# Hello, New Here!



## bwildaussie (May 5, 2009)

Hello All!










I am seriously looking at buying a 2004 Keystone Outback 25RSS.

http://seattle.craigslist.org/see/rvs/1149533730.html

I have a Chev 1500 Crew Cab short box 4X4 with the 4.3L V8.










Do you think this is a good buy, assuming the trailer is in good condition?

Do you have any advice as to what I should look for and make sure what works?

Do you feel I will have any difficulty towing with my vehicle.

I go and look at it in person on Thursday...

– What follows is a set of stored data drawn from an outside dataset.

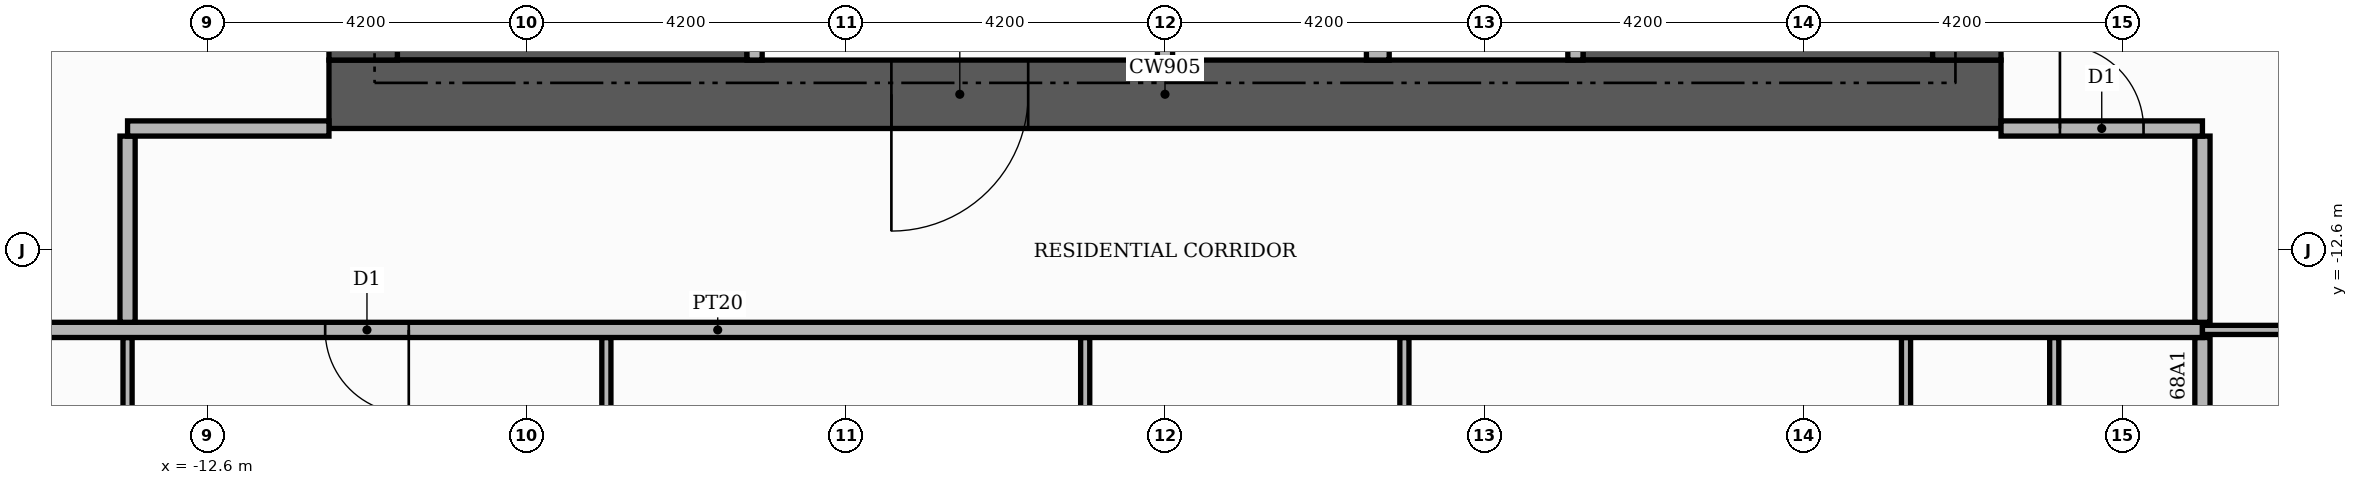
"""IFC4 building model, lengths in metres.
Left out: names, types, materials, properties, quantities, classifications, styles, units other than length and angle.
Written with IfcOpenShell. Run it as: python <this file> out.ifc"""

import sys

from ifc_helpers import new_model, si_unit, direction, frame, frame_2d, origin, place, context, subcontext, project, spatial, rectangle, extrude, element, fill, save


model = new_model("IFC4")
c1 = context("Model", 3, precision=1e-05, world=origin(), true_north=direction((0.0, 1.0)))
c2 = subcontext(c1, "Body", "Model", "MODEL_VIEW")
j1 = project(units=[si_unit("LENGTHUNIT", "METRE"), si_unit("PLANEANGLEUNIT", "RADIAN")], contexts=[c1])
p1 = place(None, origin())
s1 = spatial("IfcSite", under=j1, at=p1, CompositionType="ELEMENT")
p2 = place(p1, origin())
s2 = spatial("IfcBuilding", under=s1, at=p2, CompositionType="ELEMENT")
p3 = place(p2, frame((0.0, 0.0, 283.5)))
s3 = spatial("IfcBuildingStorey", under=s2, at=p3, CompositionType="ELEMENT", Elevation=283.5)
for number, where, z_axis, x_axis in (
    (1, (-10.1, -9.15, 0.0), (0.0, 0.0, 1.0), (1.0, 0.0, 0.0)),
    (2, (5.5, -9.15, 0.0), (0.0, 0.0, 1.0), (1.0, 0.0, 0.0)),
):
    element("IfcWall", number, at=place(p3, frame(where, z_axis=z_axis, x_axis=x_axis)), inside=s3, PredefinedType="SHEAR", context=c2, shape_type="SweptSolid", body=[
        extrude(rectangle(XDim=4.6, YDim=1.9, at=frame_2d((2.3, 0.0))), origin(), (0.0, 0.0, 1.0), 3.4),
    ])
p4 = place(p3, frame((-11.0, -10.55, 0.0), z_axis=(0.0, 0.0, 1.0), x_axis=(1.0, 0.0, 0.0)))
e3 = element("IfcWall", 3, at=p4, inside=s3, PredefinedType="SHEAR", context=c2, shape_type="SweptSolid", body=[
    extrude(rectangle(XDim=22.0, YDim=0.9, at=frame_2d((11.0, 0.0))), origin(), (0.0, 0.0, 1.0), 3.4),
])
p5 = place(p4, frame((7.4, 0.0, 0.0)))
e4 = element("IfcOpeningElement", 4, at=p5, cuts=e3, PredefinedType="OPENING", context=c2, shape_type="SweptSolid", body=[
    extrude(rectangle(XDim=1.8, YDim=2.2, at=frame_2d((0.9, 1.1))), frame((0.0, 0.46, 0.0), z_axis=(0.0, -1.0, 0.0), x_axis=(1.0, 0.0, 0.0)), (0.0, 0.0, 1.0), 0.92),
])
for number, where, z_axis, x_axis in (
    (5, (-10.55, -10.1, 0.0), (0.0, 0.0, 1.0), (0.0, 1.0, 0.0)),
    (6, (10.55, -10.1, 0.0), (0.0, 0.0, 1.0), (0.0, 1.0, 0.0)),
):
    element("IfcWall", number, at=place(p3, frame(where, z_axis=z_axis, x_axis=x_axis)), inside=s3, PredefinedType="SHEAR", context=c2, shape_type="SweptSolid", body=[
        extrude(rectangle(XDim=20.2, YDim=0.9, at=frame_2d((10.1, 0.0))), origin(), (0.0, 0.0, 1.0), 3.4),
    ])
p6 = place(p3, frame((-5.4, -10.1, 0.0), z_axis=(0.0, 0.0, 1.0), x_axis=(0.0, 1.0, 0.0)))
e7 = element("IfcWall", 7, at=p6, inside=s3, PredefinedType="PARTITIONING", context=c2, shape_type="SweptSolid", body=[
    extrude(rectangle(XDim=4.6, YDim=0.2, at=frame_2d((2.3, 0.0))), origin(), (0.0, 0.0, 1.0), 3.4),
])
p7 = place(p6, frame((2.9, 0.0, 0.0)))
e8 = element("IfcOpeningElement", 8, at=p7, cuts=e7, PredefinedType="OPENING", context=c2, shape_type="SweptSolid", body=[
    extrude(rectangle(XDim=1.0, YDim=2.1, at=frame_2d((0.5, 1.05))), frame((0.0, 0.11, 0.0), z_axis=(0.0, -1.0, 0.0), x_axis=(1.0, 0.0, 0.0)), (0.0, 0.0, 1.0), 0.22),
])
p8 = place(p3, frame((0.0, -10.1, 0.0), z_axis=(0.0, 0.0, 1.0), x_axis=(0.0, 1.0, 0.0)))
e9 = element("IfcWall", 9, at=p8, inside=s3, PredefinedType="PARTITIONING", context=c2, shape_type="SweptSolid", body=[
    extrude(rectangle(XDim=2.2, YDim=0.2, at=frame_2d((1.1, 0.0))), origin(), (0.0, 0.0, 1.0), 3.4),
])
p9 = place(p3, frame((2.8, -10.1, 0.0), z_axis=(0.0, 0.0, 1.0), x_axis=(0.0, 1.0, 0.0)))
e10 = element("IfcWall", 10, at=p9, inside=s3, PredefinedType="PARTITIONING", context=c2, shape_type="SweptSolid", body=[
    extrude(rectangle(XDim=2.2, YDim=0.3, at=frame_2d((1.1, 0.0))), origin(), (0.0, 0.0, 1.0), 3.4),
])
p10 = place(p3, frame((5.4, -10.1, 0.0), z_axis=(0.0, 0.0, 1.0), x_axis=(0.0, 1.0, 0.0)))
e11 = element("IfcWall", 11, at=p10, inside=s3, PredefinedType="PARTITIONING", context=c2, shape_type="SweptSolid", body=[
    extrude(rectangle(XDim=4.6, YDim=0.2, at=frame_2d((2.3, 0.0))), origin(), (0.0, 0.0, 1.0), 3.4),
])
p11 = place(p10, frame((2.9, 0.0, 0.0)))
e12 = element("IfcOpeningElement", 12, at=p11, cuts=e11, PredefinedType="OPENING", context=c2, shape_type="SweptSolid", body=[
    extrude(rectangle(XDim=1.0, YDim=2.1, at=frame_2d((0.5, 1.05))), frame((0.0, 0.11, 0.0), z_axis=(0.0, -1.0, 0.0), x_axis=(1.0, 0.0, 0.0)), (0.0, 0.0, 1.0), 0.22),
])
p12 = place(p3, frame((13.65, -20.42, 0.0), z_axis=(0.0, 0.0, 1.0), x_axis=(0.0, 1.0, 0.0)))
e13 = element("IfcWall", 13, at=p12, inside=s3, PredefinedType="PARTITIONING", context=c2, shape_type="SweptSolid", body=[
    extrude(rectangle(XDim=6.67, YDim=0.2, at=frame_2d((3.335, 0.0))), origin(), (0.0, 0.0, 1.0), 3.4),
])
p13 = place(p3, frame((-13.65, -20.119, 0.0), z_axis=(0.0, 0.0, 1.0), x_axis=(0.0, 1.0, 0.0)))
e14 = element("IfcWall", 14, at=p13, inside=s3, PredefinedType="PARTITIONING", context=c2, shape_type="SweptSolid", body=[
    extrude(rectangle(XDim=6.369, YDim=0.12, at=frame_2d((3.185, 0.0))), origin(), (0.0, 0.0, 1.0), 3.4),
])
p14 = place(p13, frame((2.784, 0.0, 0.0)))
e15 = element("IfcOpeningElement", 15, at=p14, cuts=e14, PredefinedType="OPENING", context=c2, shape_type="SweptSolid", body=[
    extrude(rectangle(XDim=0.9, YDim=2.1, at=frame_2d((0.45, 1.05))), frame((0.0, 0.07, 0.0), z_axis=(0.0, -1.0, 0.0), x_axis=(1.0, 0.0, 0.0)), (0.0, 0.0, 1.0), 0.14),
])
for number, where, z_axis, x_axis in (
    (16, (-7.35, -18.56, 0.0), (0.0, 0.0, 1.0), (0.0, 1.0, 0.0)),
    (17, (-1.05, -18.56, 0.0), (0.0, 0.0, 1.0), (0.0, 1.0, 0.0)),
    (18, (3.15, -18.56, 0.0), (0.0, 0.0, 1.0), (0.0, 1.0, 0.0)),
    (19, (9.75, -18.56, 0.0), (0.0, 0.0, 1.0), (0.0, 1.0, 0.0)),
    (20, (11.7, -18.56, 0.0), (0.0, 0.0, 1.0), (0.0, 1.0, 0.0)),
):
    element("IfcWall", number, at=place(p3, frame(where, z_axis=z_axis, x_axis=x_axis)), inside=s3, PredefinedType="PARTITIONING", context=c2, shape_type="SweptSolid", body=[
        extrude(rectangle(XDim=4.81, YDim=0.12, at=frame_2d((2.405, 0.0))), origin(), (0.0, 0.0, 1.0), 3.4),
    ])
p15 = place(p3, frame((-25.42, -13.65, 0.0), z_axis=(0.0, 0.0, 1.0), x_axis=(1.0, 0.0, 0.0)))
e21 = element("IfcWall", 21, at=p15, inside=s3, PredefinedType="PARTITIONING", context=c2, shape_type="SweptSolid", body=[
    extrude(rectangle(XDim=39.07, YDim=0.2, at=frame_2d((19.535, 0.0))), origin(), (0.0, 0.0, 1.0), 3.4),
])
p16 = place(p15, frame((14.37, 0.0, 0.0)))
e22 = element("IfcOpeningElement", 22, at=p16, cuts=e21, PredefinedType="OPENING", context=c2, shape_type="SweptSolid", body=[
    extrude(rectangle(XDim=1.1, YDim=2.4, at=frame_2d((0.55, 1.2))), frame((0.0, 0.11, 0.0), z_axis=(0.0, -1.0, 0.0), x_axis=(1.0, 0.0, 0.0)), (0.0, 0.0, 1.0), 0.22),
])
p17 = place(p3, frame((13.65, -13.65, 0.0), z_axis=(0.0, 0.0, 1.0), x_axis=(1.0, 0.0, 0.0)))
e23 = element("IfcWall", 23, at=p17, inside=s3, PredefinedType="PARTITIONING", context=c2, shape_type="SweptSolid", body=[
    extrude(rectangle(XDim=6.77, YDim=0.12, at=frame_2d((3.385, 0.0))), origin(), (0.0, 0.0, 1.0), 3.4),
])
p18 = place(p17, frame((2.885, 0.0, 0.0)))
e24 = element("IfcOpeningElement", 24, at=p18, cuts=e23, PredefinedType="OPENING", context=c2, shape_type="SweptSolid", body=[
    extrude(rectangle(XDim=1.0, YDim=2.1, at=frame_2d((0.5, 1.05))), frame((0.0, 0.07, 0.0), z_axis=(0.0, -1.0, 0.0), x_axis=(1.0, 0.0, 0.0)), (0.0, 0.0, 1.0), 0.14),
])
for number, where, z_axis, x_axis in (
    (25, (-13.65, -13.55, 0.0), (0.0, 0.0, 1.0), (0.0, 1.0, 0.0)),
    (26, (13.65, -13.55, 0.0), (0.0, 0.0, 1.0), (0.0, 1.0, 0.0)),
):
    element("IfcWall", number, at=place(p3, frame(where, z_axis=z_axis, x_axis=x_axis)), inside=s3, PredefinedType="PARTITIONING", context=c2, shape_type="SweptSolid", body=[
        extrude(rectangle(XDim=2.45, YDim=0.2, at=frame_2d((1.225, 0.0))), origin(), (0.0, 0.0, 1.0), 3.4),
    ])
p19 = place(p3, frame((-13.65, -11.0, 0.0), z_axis=(0.0, 0.0, 1.0), x_axis=(1.0, 0.0, 0.0)))
e27 = element("IfcWall", 27, at=p19, inside=s3, PredefinedType="PARTITIONING", context=c2, shape_type="SweptSolid", body=[
    extrude(rectangle(XDim=2.65, YDim=0.2, at=frame_2d((1.325, 0.0))), origin(), (0.0, 0.0, 1.0), 3.4),
])
p20 = place(p3, frame((11.0, -11.0, 0.0), z_axis=(0.0, 0.0, 1.0), x_axis=(1.0, 0.0, 0.0)))
e28 = element("IfcWall", 28, at=p20, inside=s3, PredefinedType="PARTITIONING", context=c2, shape_type="SweptSolid", body=[
    extrude(rectangle(XDim=2.65, YDim=0.2, at=frame_2d((1.325, 0.0))), origin(), (0.0, 0.0, 1.0), 3.4),
])
p21 = place(p20, frame((0.775, 0.0, 0.0)))
e29 = element("IfcOpeningElement", 29, at=p21, cuts=e28, PredefinedType="OPENING", context=c2, shape_type="SweptSolid", body=[
    extrude(rectangle(XDim=1.1, YDim=2.4, at=frame_2d((0.55, 1.2))), frame((0.0, 0.11, 0.0), z_axis=(0.0, -1.0, 0.0), x_axis=(1.0, 0.0, 0.0)), (0.0, 0.0, 1.0), 0.22),
])
p22 = place(p5, frame((1.8, 0.0, 0.0), z_axis=(0.0, 0.0, 1.0), x_axis=(-1.0, 0.0, 0.0)))
e30 = element("IfcDoor", 30, at=p22, inside=s3, OperationType="DOUBLE_DOOR_SINGLE_SWING", PredefinedType="DOOR", context=c2, shape_type="SweptSolid", body=[
    extrude(rectangle(XDim=1.8, YDim=2.2, at=frame_2d((0.9, 1.1))), frame((0.0, 0.025, 0.0), z_axis=(0.0, -1.0, 0.0), x_axis=(1.0, 0.0, 0.0)), (0.0, 0.0, 1.0), 0.05),
])
fill(e4, e30)
p23 = place(p16, frame((1.1, 0.0, 0.0), z_axis=(0.0, 0.0, 1.0), x_axis=(-1.0, 0.0, 0.0)))
e31 = element("IfcDoor", 31, at=p23, inside=s3, OperationType="SINGLE_SWING_RIGHT", PredefinedType="DOOR", context=c2, shape_type="SweptSolid", body=[
    extrude(rectangle(XDim=1.1, YDim=2.4, at=frame_2d((0.55, 1.2))), frame((0.0, 0.025, 0.0), z_axis=(0.0, -1.0, 0.0), x_axis=(1.0, 0.0, 0.0)), (0.0, 0.0, 1.0), 0.05),
])
fill(e22, e31)
p24 = place(p21, origin())
e32 = element("IfcDoor", 32, at=p24, inside=s3, OperationType="SINGLE_SWING_LEFT", PredefinedType="DOOR", context=c2, shape_type="SweptSolid", body=[
    extrude(rectangle(XDim=1.1, YDim=2.4, at=frame_2d((0.55, 1.2))), frame((0.0, 0.025, 0.0), z_axis=(0.0, -1.0, 0.0), x_axis=(1.0, 0.0, 0.0)), (0.0, 0.0, 1.0), 0.05),
])
fill(e29, e32)
save(model, sys.argv[1])

I'm kind of excited as we are UPGRADING from a 1979 Jayco tent trailer. It has been a great trailer for the past 5 years or so, but it is soooooo hard to maintain a TT in the PNW, just too wet here.









Any other thoughts... I'm all ears!


----------



## Oregon_Camper (Sep 13, 2004)

Weight on that Outback is listed at 4655, but with all the option Keystone puts on, lets round up to 5000. (click here for weight chart)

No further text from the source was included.